Introduction

It is an issue of concern that the digested waste, sludge and effluents from various developmental activities are frequently disposed of on agricultural lands as fertilizer and irrigation water, respectively, due to their nutrient contents, especially N and P without any treatment, but they may induce plant and soil toxicity, and may have suppressive effects on the metabolism of soil microorganisms [1]. Stabilization involves the decomposition of organic materials to the extent of eliminating hazards [2]. Moreover, stabilization of any digested waste (sludge) reduces the amount of volatile organic matter, which produces unpleasant odours that are a source of attraction for vectors, and to limit the density of pathogenic microorganisms [3]. Digestate from biogas plants is a residual semisolid material generated in the anaerobic digester, which is sent to a sludge drying bed and sold as manure. The fertilizer properties of the dry sludge are limited as the concentration of nitrate is comparatively low. In good fertilizer, the concentration of nitrate is high, as this form of nitrogen is readily absorbed by plant roots. Therefore, there is a need for ecologically sound technologies, which are not only cost-effective, but also sustainable in terms of possible recovery of recyclable constituents from anaerobic digestate as they are rich in nutrients and have higher organic content.

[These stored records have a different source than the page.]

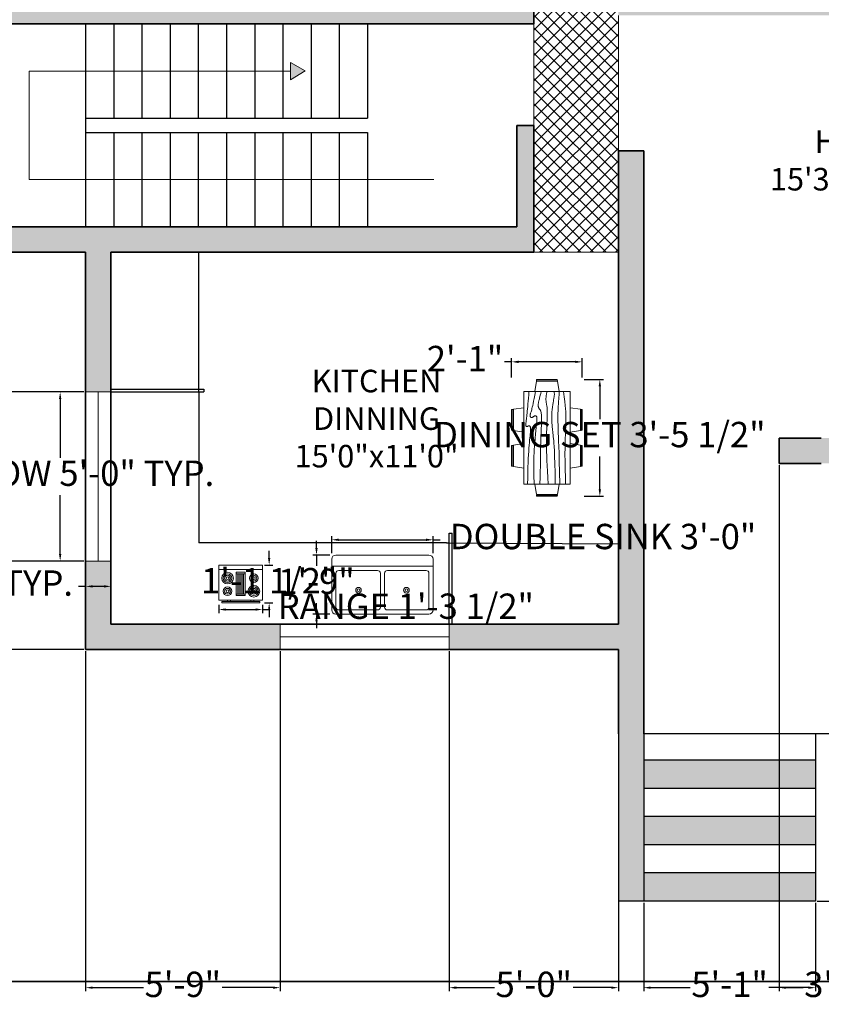
# Model space of a CAD drawing. Units: inches. Extents: x 1329 to 1989, y 1493 to 2072.
# Tile 2 of 4: x 1476 to 1761, y 1493 to 1842. Entities that reach past the tile are written whole.
import ezdxf

# ---------------------------------------------------------------- set-up
doc = ezdxf.new("R2010")
doc.units = ezdxf.units.IN
for name, color, linetype, lineweight in [('A-ANNO-DIMS', 2, 'Continuous', 18), ('A-ANNO-SYMB', 7, 'Continuous', 18), ('A-ANNO-TTLB', 7, 'Continuous', 35), ('A-AREA-IDEN', 7, 'Continuous', 25), ('A-EQPM', 8, 'Continuous', 18), ('A-FLOR', 7, 'Continuous', 25), ('A-FLOR-CASE', 8, 'Continuous', 25), ('A-FLOR-FIXT', 8, 'Continuous', 18), ('A-FLOR-STRS', 7, 'Continuous', 25), ('A-FURN', 8, 'Continuous', 18), ('A-GLAZ', 4, 'Continuous', 18), ('A-WALL', 7, 'Continuous', 35)]:
    doc.layers.add(name, color=color, linetype=linetype, lineweight=lineweight)
for name, color, linetype, lineweight, true_color in [('A-FLOR-PATT', 251, 'Continuous', 13, 0x636466), ('A-FLOR-STRS-PATT', 18, 'Continuous', 13, 0x000000), ('A-WALL-PATT', 251, 'Continuous', 13, 0x636466)]:
    doc.layers.add(name, color=color, linetype=linetype, lineweight=lineweight, true_color=true_color)
doc.styles.get("Standard").update_dxf_attribs({"font": 'arial.ttf'})
doc.dimstyles.new('ISO-25', dxfattribs={"dimtxt": 9, "dimasz": 2.5, "dimexe": 1.25, "dimexo": 0.625, "dimgap": 2, "dimtad": 0, "dimtih": 1, "dimtoh": 1, "dimdec": 1, "dimlunit": 4, "dimtxsty": 'Standard', "dimcen": 2.5, "dimadec": 0, "dimazin": 0, "dimtfac": 0.5, "dimtdec": 1, "dimtmove": 0, "dimatfit": 3, "dimfxl": 1, "dimarcsym": 0})

# ---------------------------------------------------------------- blocks, each defined once
blk = doc.blocks.new('Dining Set - 36 x 72 in.')
for p, q in [((-22.2343, 26.00059), (-23.4847, 17.99762)), ((-22.2304, 26), (-5.7608, 26)), ((-22, 27.5), (-22.1562, 26.50042)), ((-5.8416, 26.5), (-22.1534, 26.5)), ((-22, 27.5), (-6, 27.5)), ((-5.8437, 26.49966), (-6, 27.5)), ((-4.5152, 17.99762), (-5.7655, 25.99926)), ((5.7657, 26.00059), (4.5153, 17.99762)), ((5.7696, 26), (22.2392, 26)), ((6, 27.5), (5.8438, 26.50042)), ((22.1584, 26.5), (5.8466, 26.5)), ((6, 27.5), (22, 27.5)), ((22.1563, 26.49966), (22, 27.5)), ((23.4848, 17.99762), (22.2345, 25.99926)), ((36, 18), (-36, 18)), ((-36, 18), (-36, -18)), ((36, -18), (36, 18)), ((-45.5, 8), (-44.5004, 8.15617)), ((-45.5, 8), (-45.5, -8)), ((-44.5, -8.15843), (-44.5, 8.15338)), ((-44.0006, 8.23428), (-35.9976, 9.48474)), ((-44, 8.23041), (-44, -8.23915)), ((44.0006, 8.23428), (35.9976, 9.48474)), ((44, 8.23041), (44, -8.23915)), ((44.5, -8.15843), (44.5, 8.15338)), ((45.5, 8), (44.5005, 8.15617)), ((45.5, 8), (45.5, -8)), ((-44.4997, -8.15631), (-45.5, -8)), ((-35.9976, -9.48476), (-43.9993, -8.2345)), ((35.9976, -9.48476), (43.9993, -8.2345)), ((44.4997, -8.15631), (45.5, -8)), ((-36, -18), (36, -18)), ((-22.2343, -26.0006), (-23.4847, -17.99762)), ((-4.5152, -17.99762), (-5.7655, -25.99928)), ((5.7657, -26.0006), (4.5153, -17.99762)), ((23.4848, -17.99762), (22.2345, -25.99928)), ((-22.2304, -26), (-5.7608, -26)), ((-22, -27.5), (-22.1562, -26.50044)), ((-5.8416, -26.5), (-22.1534, -26.5)), ((-22, -27.5), (-6, -27.5)), ((-5.8437, -26.49967), (-6, -27.5)), ((5.7696, -26), (22.2392, -26)), ((6, -27.5), (5.8438, -26.50044)), ((22.1584, -26.5), (5.8466, -26.5)), ((6, -27.5), (22, -27.5)), ((22.1563, -26.49967), (22, -27.5))]:
    blk.add_line(p, q)
for points in [[(-36, 15), (-31.1772, 14.97754), (-26.8079, 14.91406), (-22.8538, 14.81543), (-19.276, 14.6875), (-16.0362, 14.53613), (-13.0957, 14.36718), (-10.4159, 14.18652), (-7.9583, 14), (-5.6904, 13.81315), (-3.6035, 13.63021), (-1.6954, 13.45508), (0.0365, 13.29166), (1.5945, 13.14388), (2.9811, 13.01562), (4.1988, 12.9108), (5.25, 12.83333), (6.1393, 12.78613), (6.8802, 12.76823), (7.4883, 12.77767), (7.9792, 12.8125), (8.3685, 12.87077), (8.6719, 12.95052), (8.9049, 13.0498), (9.0833, 13.16666), (9.2205, 13.29899), (9.3216, 13.44401), (9.3895, 13.59879), (9.4271, 13.76041), (9.4373, 13.92594), (9.4232, 14.09245), (9.3875, 14.257), (9.3333, 14.41666), (9.2638, 14.56917), (9.1836, 14.71484), (9.0975, 14.85465), (9.0104, 14.98958), (8.9272, 15.1206), (8.8529, 15.2487), (8.7922, 15.37483), (8.75, 15.5), (8.7305, 15.62467), (8.7344, 15.74739), (8.7617, 15.86621), (8.8125, 15.97916), (8.8867, 16.08431), (8.9844, 16.17968), (9.1055, 16.26334), (9.25, 16.33333), (9.4189, 16.38802), (9.6172, 16.42708), (9.8506, 16.45052), (10.125, 16.45833), (10.4463, 16.45052), (10.8203, 16.42708), (11.2529, 16.38802), (11.75, 16.33333), (12.3184, 16.26318), (12.9694, 16.17838), (13.7151, 16.07991), (14.5677, 15.96875), (15.5395, 15.84586), (16.6426, 15.71224), (17.8893, 15.56884), (19.2917, 15.41666), (20.859, 15.25667), (22.5879, 15.08984), (24.4721, 14.91715), (26.5052, 14.73958), (28.6809, 14.5581), (30.9929, 14.3737), (33.4347, 14.18733), (36, 14)], [(-36, 10), (-28.9766, 10.14274), (-23.1725, 10.20442), (-18.4241, 10.19775), (-14.5677, 10.13541), (-11.4399, 10.03011), (-8.877, 9.89453), (-6.7154, 9.74137), (-4.7917, 9.58333), (-2.9698, 9.43082), (-1.2246, 9.28515), (0.4415, 9.14534), (2.026, 9.01041), (3.5266, 8.87939), (4.9408, 8.7513), (6.266, 8.62516), (7.5, 8.5), (8.6411, 8.37549), (9.6914, 8.2539), (10.6538, 8.13818), (11.5312, 8.03125), (12.3267, 7.93603), (13.043, 7.85547), (13.6831, 7.79248), (14.25, 7.75), (14.7471, 7.7303), (15.1797, 7.73307), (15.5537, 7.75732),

Vermicomposting is an eco-friendly sustainable approach to handle the digestate and its conversion to a useful recyclable product produced on-site, making it an economically viable method for sludge management [47]. It is easy to operate and can be conducted in a contained space to produce a good-quality product called vermicompost [8]. During vermicomposting earthworms act as the carrier of microbes prevailing under mesophilic conditions. They feed on the organic materials and convert them into a stable casting (excreted matter), which are rich in plant nutrients like nitrogen, phosphorous and potassium [912]. Vermitechnology has attracted much attention for anaerobic digestate stabilization worldwide due to simple, natural and low cost technology [1315]. The composting potential of a substrate is directly proportional to the quantity of biodegradable organic matter contained in the substrate. The substrate will not be stabilized until all the biodegradable organic content is converted to a stabilized form, which is odorless and pathogen free, and is a poor breeding ground for flies and other insects. Even if the compost is stable, care should be taken in applying it to soil because the biological processes will continue and can strip the nutrients from soil [16].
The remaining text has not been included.